Ангелология - Труссони Даниэль. Страница 77

Габриэлла выдвинула ящик небольшого секретера, вынула из портсигара сигарету, сунула ее в лакированный мундштук и прикурила от маленькой золотой зажигалки. Комнату наполнил аромат пряного табака. Она протянула портсигар Верлену, и он закурил тоже. Сейчас ему не помешал бы и глоток чего-нибудь покрепче.

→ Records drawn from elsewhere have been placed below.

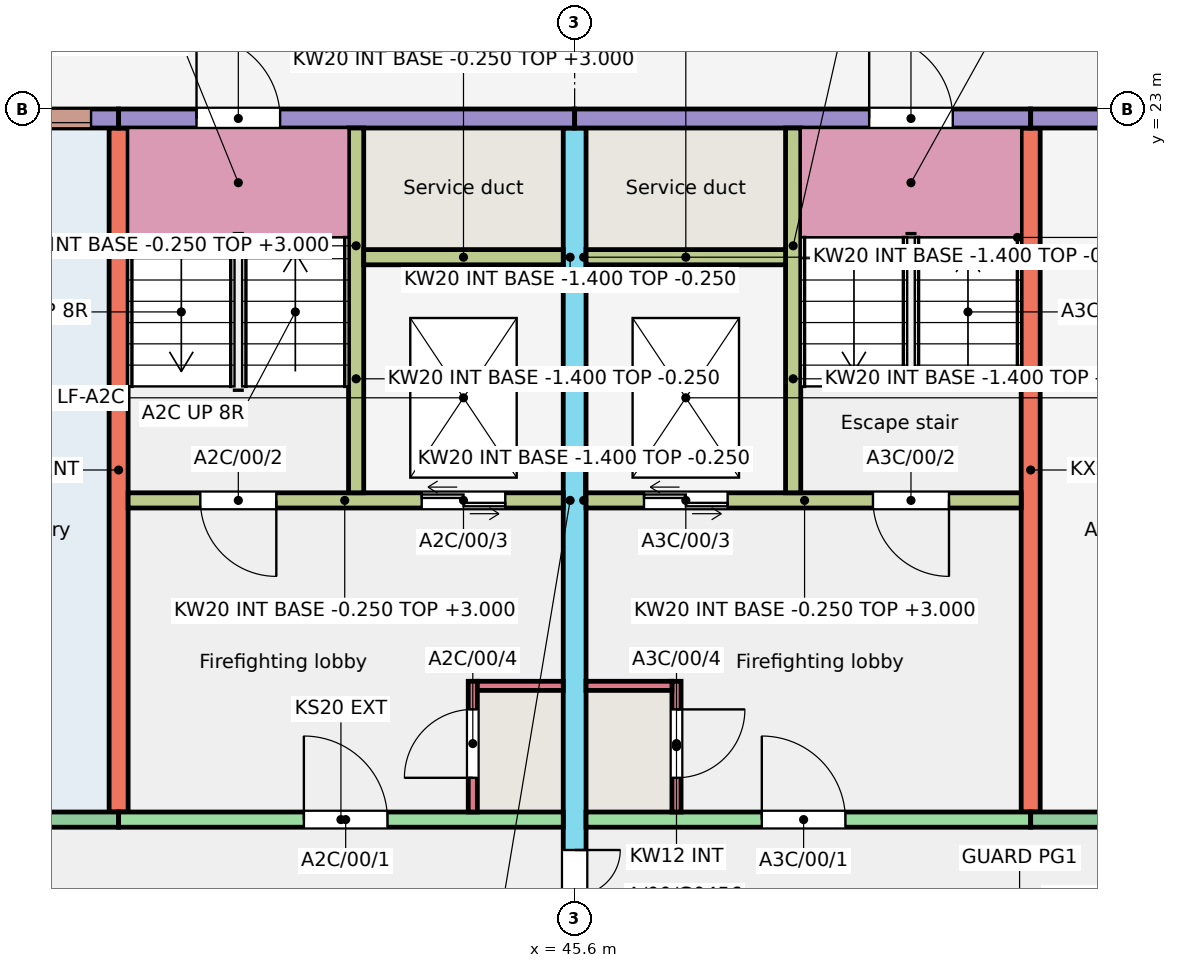
"""IFC4 building model, lengths in metres.
Left out: names, types, materials, properties, quantities, classifications, styles, units other than length and angle.
Written with IfcOpenShell. Run it as: python <this file> out.ifc"""

import sys

from ifc_helpers import new_model, si_unit, direction, frame, frame_2d, origin, place, context, subcontext, project, spatial, rectangle, extrude, element, fill, save


model = new_model("IFC4")
c1 = context("Model", 3, precision=1e-05, world=origin(), true_north=direction((0.0, 1.0)))
c2 = subcontext(c1, "Body", "Model", "MODEL_VIEW")
j1 = project(units=[si_unit("LENGTHUNIT", "METRE"), si_unit("PLANEANGLEUNIT", "RADIAN")], contexts=[c1])
p1 = place(None, origin())
s1 = spatial("IfcSite", under=j1, at=p1, CompositionType="ELEMENT")
p2 = place(p1, origin())
s2 = spatial("IfcBuilding", under=s1, at=p2, CompositionType="ELEMENT")
p3 = place(p2, origin())
s3 = spatial("IfcBuildingStorey", under=s2, at=p3, CompositionType="ELEMENT", Elevation=0.0)
p4 = place(p3, frame((39.6, 13.75, -0.25), z_axis=(0.0, 0.0, 1.0), x_axis=(0.0, 1.0, 0.0)))
e1 = element("IfcWall", 1, at=p4, inside=s3, PredefinedType="SHEAR", context=c2, shape_type="SweptSolid", body=[
    extrude(rectangle(XDim=9.0, YDim=0.25, at=frame_2d((4.5, 0.0))), origin(), (0.0, 0.0, 1.0), 3.25),
])
p5 = place(p3, frame((45.6, 11.75, -0.25), z_axis=(0.0, 0.0, 1.0), x_axis=(0.0, 1.0, 0.0)))
e2 = element("IfcWall", 2, at=p5, inside=s3, PredefinedType="SHEAR", context=c2, shape_type="SweptSolid", body=[
    extrude(rectangle(XDim=11.0, YDim=0.3, at=frame_2d((5.5, 0.0))), origin(), (0.0, 0.0, 1.0), 3.25),
])
p6 = place(p5, frame((0.3, 0.0, 0.25)))
e3 = element("IfcOpeningElement", 3, at=p6, cuts=e2, PredefinedType="OPENING", context=c2, shape_type="SweptSolid", body=[
    extrude(rectangle(XDim=1.2, YDim=2.1, at=frame_2d((0.6, 1.05))), frame((0.0, 0.16, 0.0), z_axis=(0.0, -1.0, 0.0), x_axis=(1.0, 0.0, 0.0)), (0.0, 0.0, 1.0), 0.32),
])
p7 = place(p3, frame((51.6, 13.75, -0.25), z_axis=(0.0, 0.0, 1.0), x_axis=(0.0, 1.0, 0.0)))
e4 = element("IfcWall", 4, at=p7, inside=s3, PredefinedType="SHEAR", context=c2, shape_type="SweptSolid", body=[
    extrude(rectangle(XDim=9.0, YDim=0.25, at=frame_2d((4.5, 0.0))), origin(), (0.0, 0.0, 1.0), 3.25),
])
p8 = place(p3, frame((36.0, 22.875, -0.25), z_axis=(0.0, 0.0, 1.0), x_axis=(1.0, 0.0, 0.0)))
e5 = element("IfcWall", 5, at=p8, inside=s3, PredefinedType="SOLIDWALL", context=c2, shape_type="SweptSolid", body=[
    extrude(rectangle(XDim=3.6, YDim=0.25, at=frame_2d((1.8, 0.0))), origin(), (0.0, 0.0, 1.0), 3.25),
])
p9 = place(p8, frame((2.637, 0.0, 2.05)))
e6 = element("IfcOpeningElement", 6, at=p9, cuts=e5, PredefinedType="OPENING", context=c2, shape_type="SweptSolid", body=[
    extrude(rectangle(XDim=0.6, YDim=0.6, at=frame_2d((0.3, 0.3))), frame((0.0, 0.135, 0.0), z_axis=(0.0, -1.0, 0.0), x_axis=(1.0, 0.0, 0.0)), (0.0, 0.0, 1.0), 0.27),
])
p10 = place(p8, frame((1.3, 0.0, 0.25)))
e7 = element("IfcOpeningElement", 7, at=p10, cuts=e5, PredefinedType="OPENING", context=c2, shape_type="SweptSolid", body=[
    extrude(rectangle(XDim=1.0, YDim=2.1, at=frame_2d((0.5, 1.05))), frame((0.0, 0.135, 0.0), z_axis=(0.0, -1.0, 0.0), x_axis=(1.0, 0.0, 0.0)), (0.0, 0.0, 1.0), 0.27),
])
p11 = place(p3, frame((36.0, 13.65, -0.25), z_axis=(0.0, 0.0, 1.0), x_axis=(1.0, 0.0, 0.0)))
e8 = element("IfcWall", 8, at=p11, inside=s3, PredefinedType="SOLIDWALL", context=c2, shape_type="SweptSolid", body=[
    extrude(rectangle(XDim=3.6, YDim=0.2, at=frame_2d((1.8, 0.0))), origin(), (0.0, 0.0, 1.0), 3.25),
])
p12 = place(p11, frame((1.3, 0.0, 0.25)))
e9 = element("IfcOpeningElement", 9, at=p12, cuts=e8, PredefinedType="OPENING", context=c2, shape_type="SweptSolid", body=[
    extrude(rectangle(XDim=1.0, YDim=2.1, at=frame_2d((0.5, 1.05))), frame((0.0, 0.11, 0.0), z_axis=(0.0, -1.0, 0.0), x_axis=(1.0, 0.0, 0.0)), (0.0, 0.0, 1.0), 0.22),
])
p13 = place(p3, frame((39.6, 22.875, -0.25), z_axis=(0.0, 0.0, 1.0), x_axis=(1.0, 0.0, 0.0)))
e10 = element("IfcWall", 10, at=p13, inside=s3, PredefinedType="SOLIDWALL", context=c2, shape_type="SweptSolid", body=[
    extrude(rectangle(XDim=6.0, YDim=0.25, at=frame_2d((3.0, 0.0))), origin(), (0.0, 0.0, 1.0), 3.25),
])
p14 = place(p13, frame((1.025, 0.0, 0.25)))
e11 = element("IfcOpeningElement", 11, at=p14, cuts=e10, PredefinedType="OPENING", context=c2, shape_type="SweptSolid", body=[
    extrude(rectangle(XDim=1.1, YDim=2.1, at=frame_2d((0.55, 1.05))), frame((0.0, 0.135, 0.0), z_axis=(0.0, -1.0, 0.0), x_axis=(1.0, 0.0, 0.0)), (0.0, 0.0, 1.0), 0.27),
])
p15 = place(p3, frame((39.6, 13.65, -0.25), z_axis=(0.0, 0.0, 1.0), x_axis=(1.0, 0.0, 0.0)))
e12 = element("IfcWall", 12, at=p15, inside=s3, PredefinedType="SHEAR", context=c2, shape_type="SweptSolid", body=[
    extrude(rectangle(XDim=5.85, YDim=0.2, at=frame_2d((2.925, 0.0))), origin(), (0.0, 0.0, 1.0), 3.25),
])
p16 = place(p15, frame((2.438, 0.0, 0.25)))
e13 = element("IfcOpeningElement", 13, at=p16, cuts=e12, PredefinedType="OPENING", context=c2, shape_type="SweptSolid", body=[
    extrude(rectangle(XDim=1.1, YDim=2.1, at=frame_2d((0.55, 1.05))), frame((0.0, 0.11, 0.0), z_axis=(0.0, -1.0, 0.0), x_axis=(1.0, 0.0, 0.0)), (0.0, 0.0, 1.0), 0.22),
])
p17 = place(p3, frame((39.725, 17.85, -0.25), z_axis=(0.0, 0.0, 1.0), x_axis=(1.0, 0.0, 0.0)))
e14 = element("IfcWall", 14, at=p17, inside=s3, PredefinedType="SHEAR", context=c2, shape_type="SweptSolid", body=[
    extrude(rectangle(XDim=5.725, YDim=0.2, at=frame_2d((2.862, 0.0))), origin(), (0.0, 0.0, 1.0), 3.25),
])
p18 = place(p17, frame((0.95, 0.0, 0.25)))
e15 = element("IfcOpeningElement", 15, at=p18, cuts=e14, PredefinedType="OPENING", context=c2, shape_type="SweptSolid", body=[
    extrude(rectangle(XDim=1.0, YDim=2.1, at=frame_2d((0.5, 1.05))), frame((0.0, 0.11, 0.0), z_axis=(0.0, -1.0, 0.0), x_axis=(1.0, 0.0, 0.0)), (0.0, 0.0, 1.0), 0.22),
])
p19 = place(p17, frame((3.863, 0.0, 0.25)))
e16 = element("IfcOpeningElement", 16, at=p19, cuts=e14, PredefinedType="OPENING", context=c2, shape_type="SweptSolid", body=[
    extrude(rectangle(XDim=1.1, YDim=2.1, at=frame_2d((0.55, 1.05))), frame((0.0, 0.11, 0.0), z_axis=(0.0, -1.0, 0.0), x_axis=(1.0, 0.0, 0.0)), (0.0, 0.0, 1.0), 0.22),
])
p20 = place(p3, frame((42.725, 17.95, -0.25), z_axis=(0.0, 0.0, 1.0), x_axis=(0.0, 1.0, 0.0)))
e17 = element("IfcWall", 17, at=p20, inside=s3, PredefinedType="SHEAR", context=c2, shape_type="SweptSolid", body=[
    extrude(rectangle(XDim=4.8, YDim=0.2, at=frame_2d((2.4, 0.0))), origin(), (0.0, 0.0, 1.0), 3.25),
])
p21 = place(p3, frame((42.825, 21.05, -0.25), z_axis=(0.0, 0.0, 1.0), x_axis=(1.0, 0.0, 0.0)))
e18 = element("IfcWall", 18, at=p21, inside=s3, PredefinedType="SHEAR", context=c2, shape_type="SweptSolid", body=[
    extrude(rectangle(XDim=2.625, YDim=0.2, at=frame_2d((1.312, 0.0))), origin(), (0.0, 0.0, 1.0), 3.25),
])
p22 = place(p3, frame((44.26, 13.75, -0.25), z_axis=(0.0, 0.0, 1.0), x_axis=(0.0, 1.0, 0.0)))
e19 = element("IfcWall", 19, at=p22, inside=s3, PredefinedType="SHEAR", context=c2, shape_type="SweptSolid", body=[
    extrude(rectangle(XDim=1.72, YDim=0.12, at=frame_2d((0.86, 0.0))), origin(), (0.0, 0.0, 1.0), 3.25),
])
p23 = place(p22, frame((0.45, 0.0, 0.25)))
e20 = element("IfcOpeningElement", 20, at=p23, cuts=e19, PredefinedType="OPENING", context=c2, shape_type="SweptSolid", body=[
    extrude(rectangle(XDim=0.9, YDim=2.1, at=frame_2d((0.45, 1.05))), frame((0.0, 0.07, 0.0), z_axis=(0.0, -1.0, 0.0), x_axis=(1.0, 0.0, 0.0)), (0.0, 0.0, 1.0), 0.14),
])
p24 = place(p3, frame((44.32, 15.41, -0.25), z_axis=(0.0, 0.0, 1.0), x_axis=(1.0, 0.0, 0.0)))
e21 = element("IfcWall", 21, at=p24, inside=s3, PredefinedType="SHEAR", context=c2, shape_type="SweptSolid", body=[
    extrude(rectangle(XDim=1.13, YDim=0.12, at=frame_2d((0.565, 0.0))), origin(), (0.0, 0.0, 1.0), 3.25),
])
p25 = place(p3, frame((45.6, 22.875, -0.25), z_axis=(0.0, 0.0, 1.0), x_axis=(1.0, 0.0, 0.0)))
e22 = element("IfcWall", 22, at=p25, inside=s3, PredefinedType="SOLIDWALL", context=c2, shape_type="SweptSolid", body=[
    extrude(rectangle(XDim=6.0, YDim=0.25, at=frame_2d((3.0, 0.0))), origin(), (0.0, 0.0, 1.0), 3.25),
])
p26 = place(p25, frame((3.875, 0.0, 0.25)))
e23 = element("IfcOpeningElement", 23, at=p26, cuts=e22, PredefinedType="OPENING", context=c2, shape_type="SweptSolid", body=[
    extrude(rectangle(XDim=1.1, YDim=2.1, at=frame_2d((0.55, 1.05))), frame((0.0, 0.135, 0.0), z_axis=(0.0, -1.0, 0.0), x_axis=(1.0, 0.0, 0.0)), (0.0, 0.0, 1.0), 0.27),
])
p27 = place(p3, frame((45.75, 13.65, -0.25), z_axis=(0.0, 0.0, 1.0), x_axis=(1.0, 0.0, 0.0)))
e24 = element("IfcWall", 24, at=p27, inside=s3, PredefinedType="SHEAR", context=c2, shape_type="SweptSolid", body=[
    extrude(rectangle(XDim=5.85, YDim=0.2, at=frame_2d((2.925, 0.0))), origin(), (0.0, 0.0, 1.0), 3.25),
])
p28 = place(p27, frame((2.312, 0.0, 0.25)))
e25 = element("IfcOpeningElement", 25, at=p28, cuts=e24, PredefinedType="OPENING", context=c2, shape_type="SweptSolid", body=[
    extrude(rectangle(XDim=1.1, YDim=2.1, at=frame_2d((0.55, 1.05))), frame((0.0, 0.11, 0.0), z_axis=(0.0, -1.0, 0.0), x_axis=(1.0, 0.0, 0.0)), (0.0, 0.0, 1.0), 0.22),
])
p29 = place(p3, frame((45.75, 17.85, -0.25), z_axis=(0.0, 0.0, 1.0), x_axis=(1.0, 0.0, 0.0)))
e26 = element("IfcWall", 26, at=p29, inside=s3, PredefinedType="SHEAR", context=c2, shape_type="SweptSolid", body=[
    extrude(rectangle(XDim=5.725, YDim=0.2, at=frame_2d((2.863, 0.0))), origin(), (0.0, 0.0, 1.0), 3.25),
])
p30 = place(p29, frame((3.775, 0.0, 0.25)))
e27 = element("IfcOpeningElement", 27, at=p30, cuts=e26, PredefinedType="OPENING", context=c2, shape_type="SweptSolid", body=[
    extrude(rectangle(XDim=1.0, YDim=2.1, at=frame_2d((0.5, 1.05))), frame((0.0, 0.11, 0.0), z_axis=(0.0, -1.0, 0.0), x_axis=(1.0, 0.0, 0.0)), (0.0, 0.0, 1.0), 0.22),
])
p31 = place(p29, frame((0.762, 0.0, 0.25)))
e28 = element("IfcOpeningElement", 28, at=p31, cuts=e26, PredefinedType="OPENING", context=c2, shape_type="SweptSolid", body=[
    extrude(rectangle(XDim=1.1, YDim=2.1, at=frame_2d((0.55, 1.05))), frame((0.0, 0.11, 0.0), z_axis=(0.0, -1.0, 0.0), x_axis=(1.0, 0.0, 0.0)), (0.0, 0.0, 1.0), 0.22),
])
p32 = place(p3, frame((48.475, 17.95, -0.25), z_axis=(0.0, 0.0, 1.0), x_axis=(0.0, 1.0, 0.0)))
e29 = element("IfcWall", 29, at=p32, inside=s3, PredefinedType="SHEAR", context=c2, shape_type="SweptSolid", body=[
    extrude(rectangle(XDim=4.8, YDim=0.2, at=frame_2d((2.4, 0.0))), origin(), (0.0, 0.0, 1.0), 3.25),
])
p33 = place(p3, frame((45.75, 21.05, -0.25), z_axis=(0.0, 0.0, 1.0), x_axis=(1.0, 0.0, 0.0)))
e30 = element("IfcWall", 30, at=p33, inside=s3, PredefinedType="SHEAR", context=c2, shape_type="SweptSolid", body=[
    extrude(rectangle(XDim=2.625, YDim=0.2, at=frame_2d((1.312, 0.0))), origin(), (0.0, 0.0, 1.0), 3.25),
])
p34 = place(p3, frame((46.94, 13.75, -0.25), z_axis=(0.0, 0.0, 1.0), x_axis=(0.0, 1.0, 0.0)))
e31 = element("IfcWall", 31, at=p34, inside=s3, PredefinedType="SHEAR", context=c2, shape_type="SweptSolid", body=[
    extrude(rectangle(XDim=1.72, YDim=0.12, at=frame_2d((0.86, 0.0))), origin(), (0.0, 0.0, 1.0), 3.25),
])
p35 = place(p34, frame((0.45, 0.0, 0.25)))
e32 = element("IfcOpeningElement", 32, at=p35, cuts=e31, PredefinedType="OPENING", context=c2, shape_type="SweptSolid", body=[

— Честно говоря, — наконец сказал он, — я понятия не имею, как ввязался во все это. Я не знаю, почему те люди, или кто они на самом деле, пришли ко мне домой. Признаюсь, я собрал кое-какую необычную информацию о Григори, работая на него, но всем известно, что человек — странное существо. Я уже начинаю думать — может, я просто сошел с ума? Вы можете объяснить, почему я здесь?

Габриэлла смотрела на него, словно подбирая подходящий ответ.

— Я привезла вас сюда, мистер Верлен, потому что вы нужны нам, — сказала она.

— Нам? — удивился Верлен.

— Мы просим, чтобы вы помогли нам вернуть кое-что очень ценное.

— Находку, сделанную в Родопских горах?

Габриэлла побледнела — ему удалось удивить ее.

— Вам известно о поездке в Родопы? — спросила она, вновь обретая самообладание.

— О ней упоминается в письме Эбигейл Рокфеллер, которое Эванджелина показала мне вчера. Тогда я подумал, что речь идет о какой-то древности, к примеру о греческой глиняной посуде или о произведении фракийского искусства. Но теперь я понимаю, что это гораздо более ценная находка, чем несколько глиняных кувшинов.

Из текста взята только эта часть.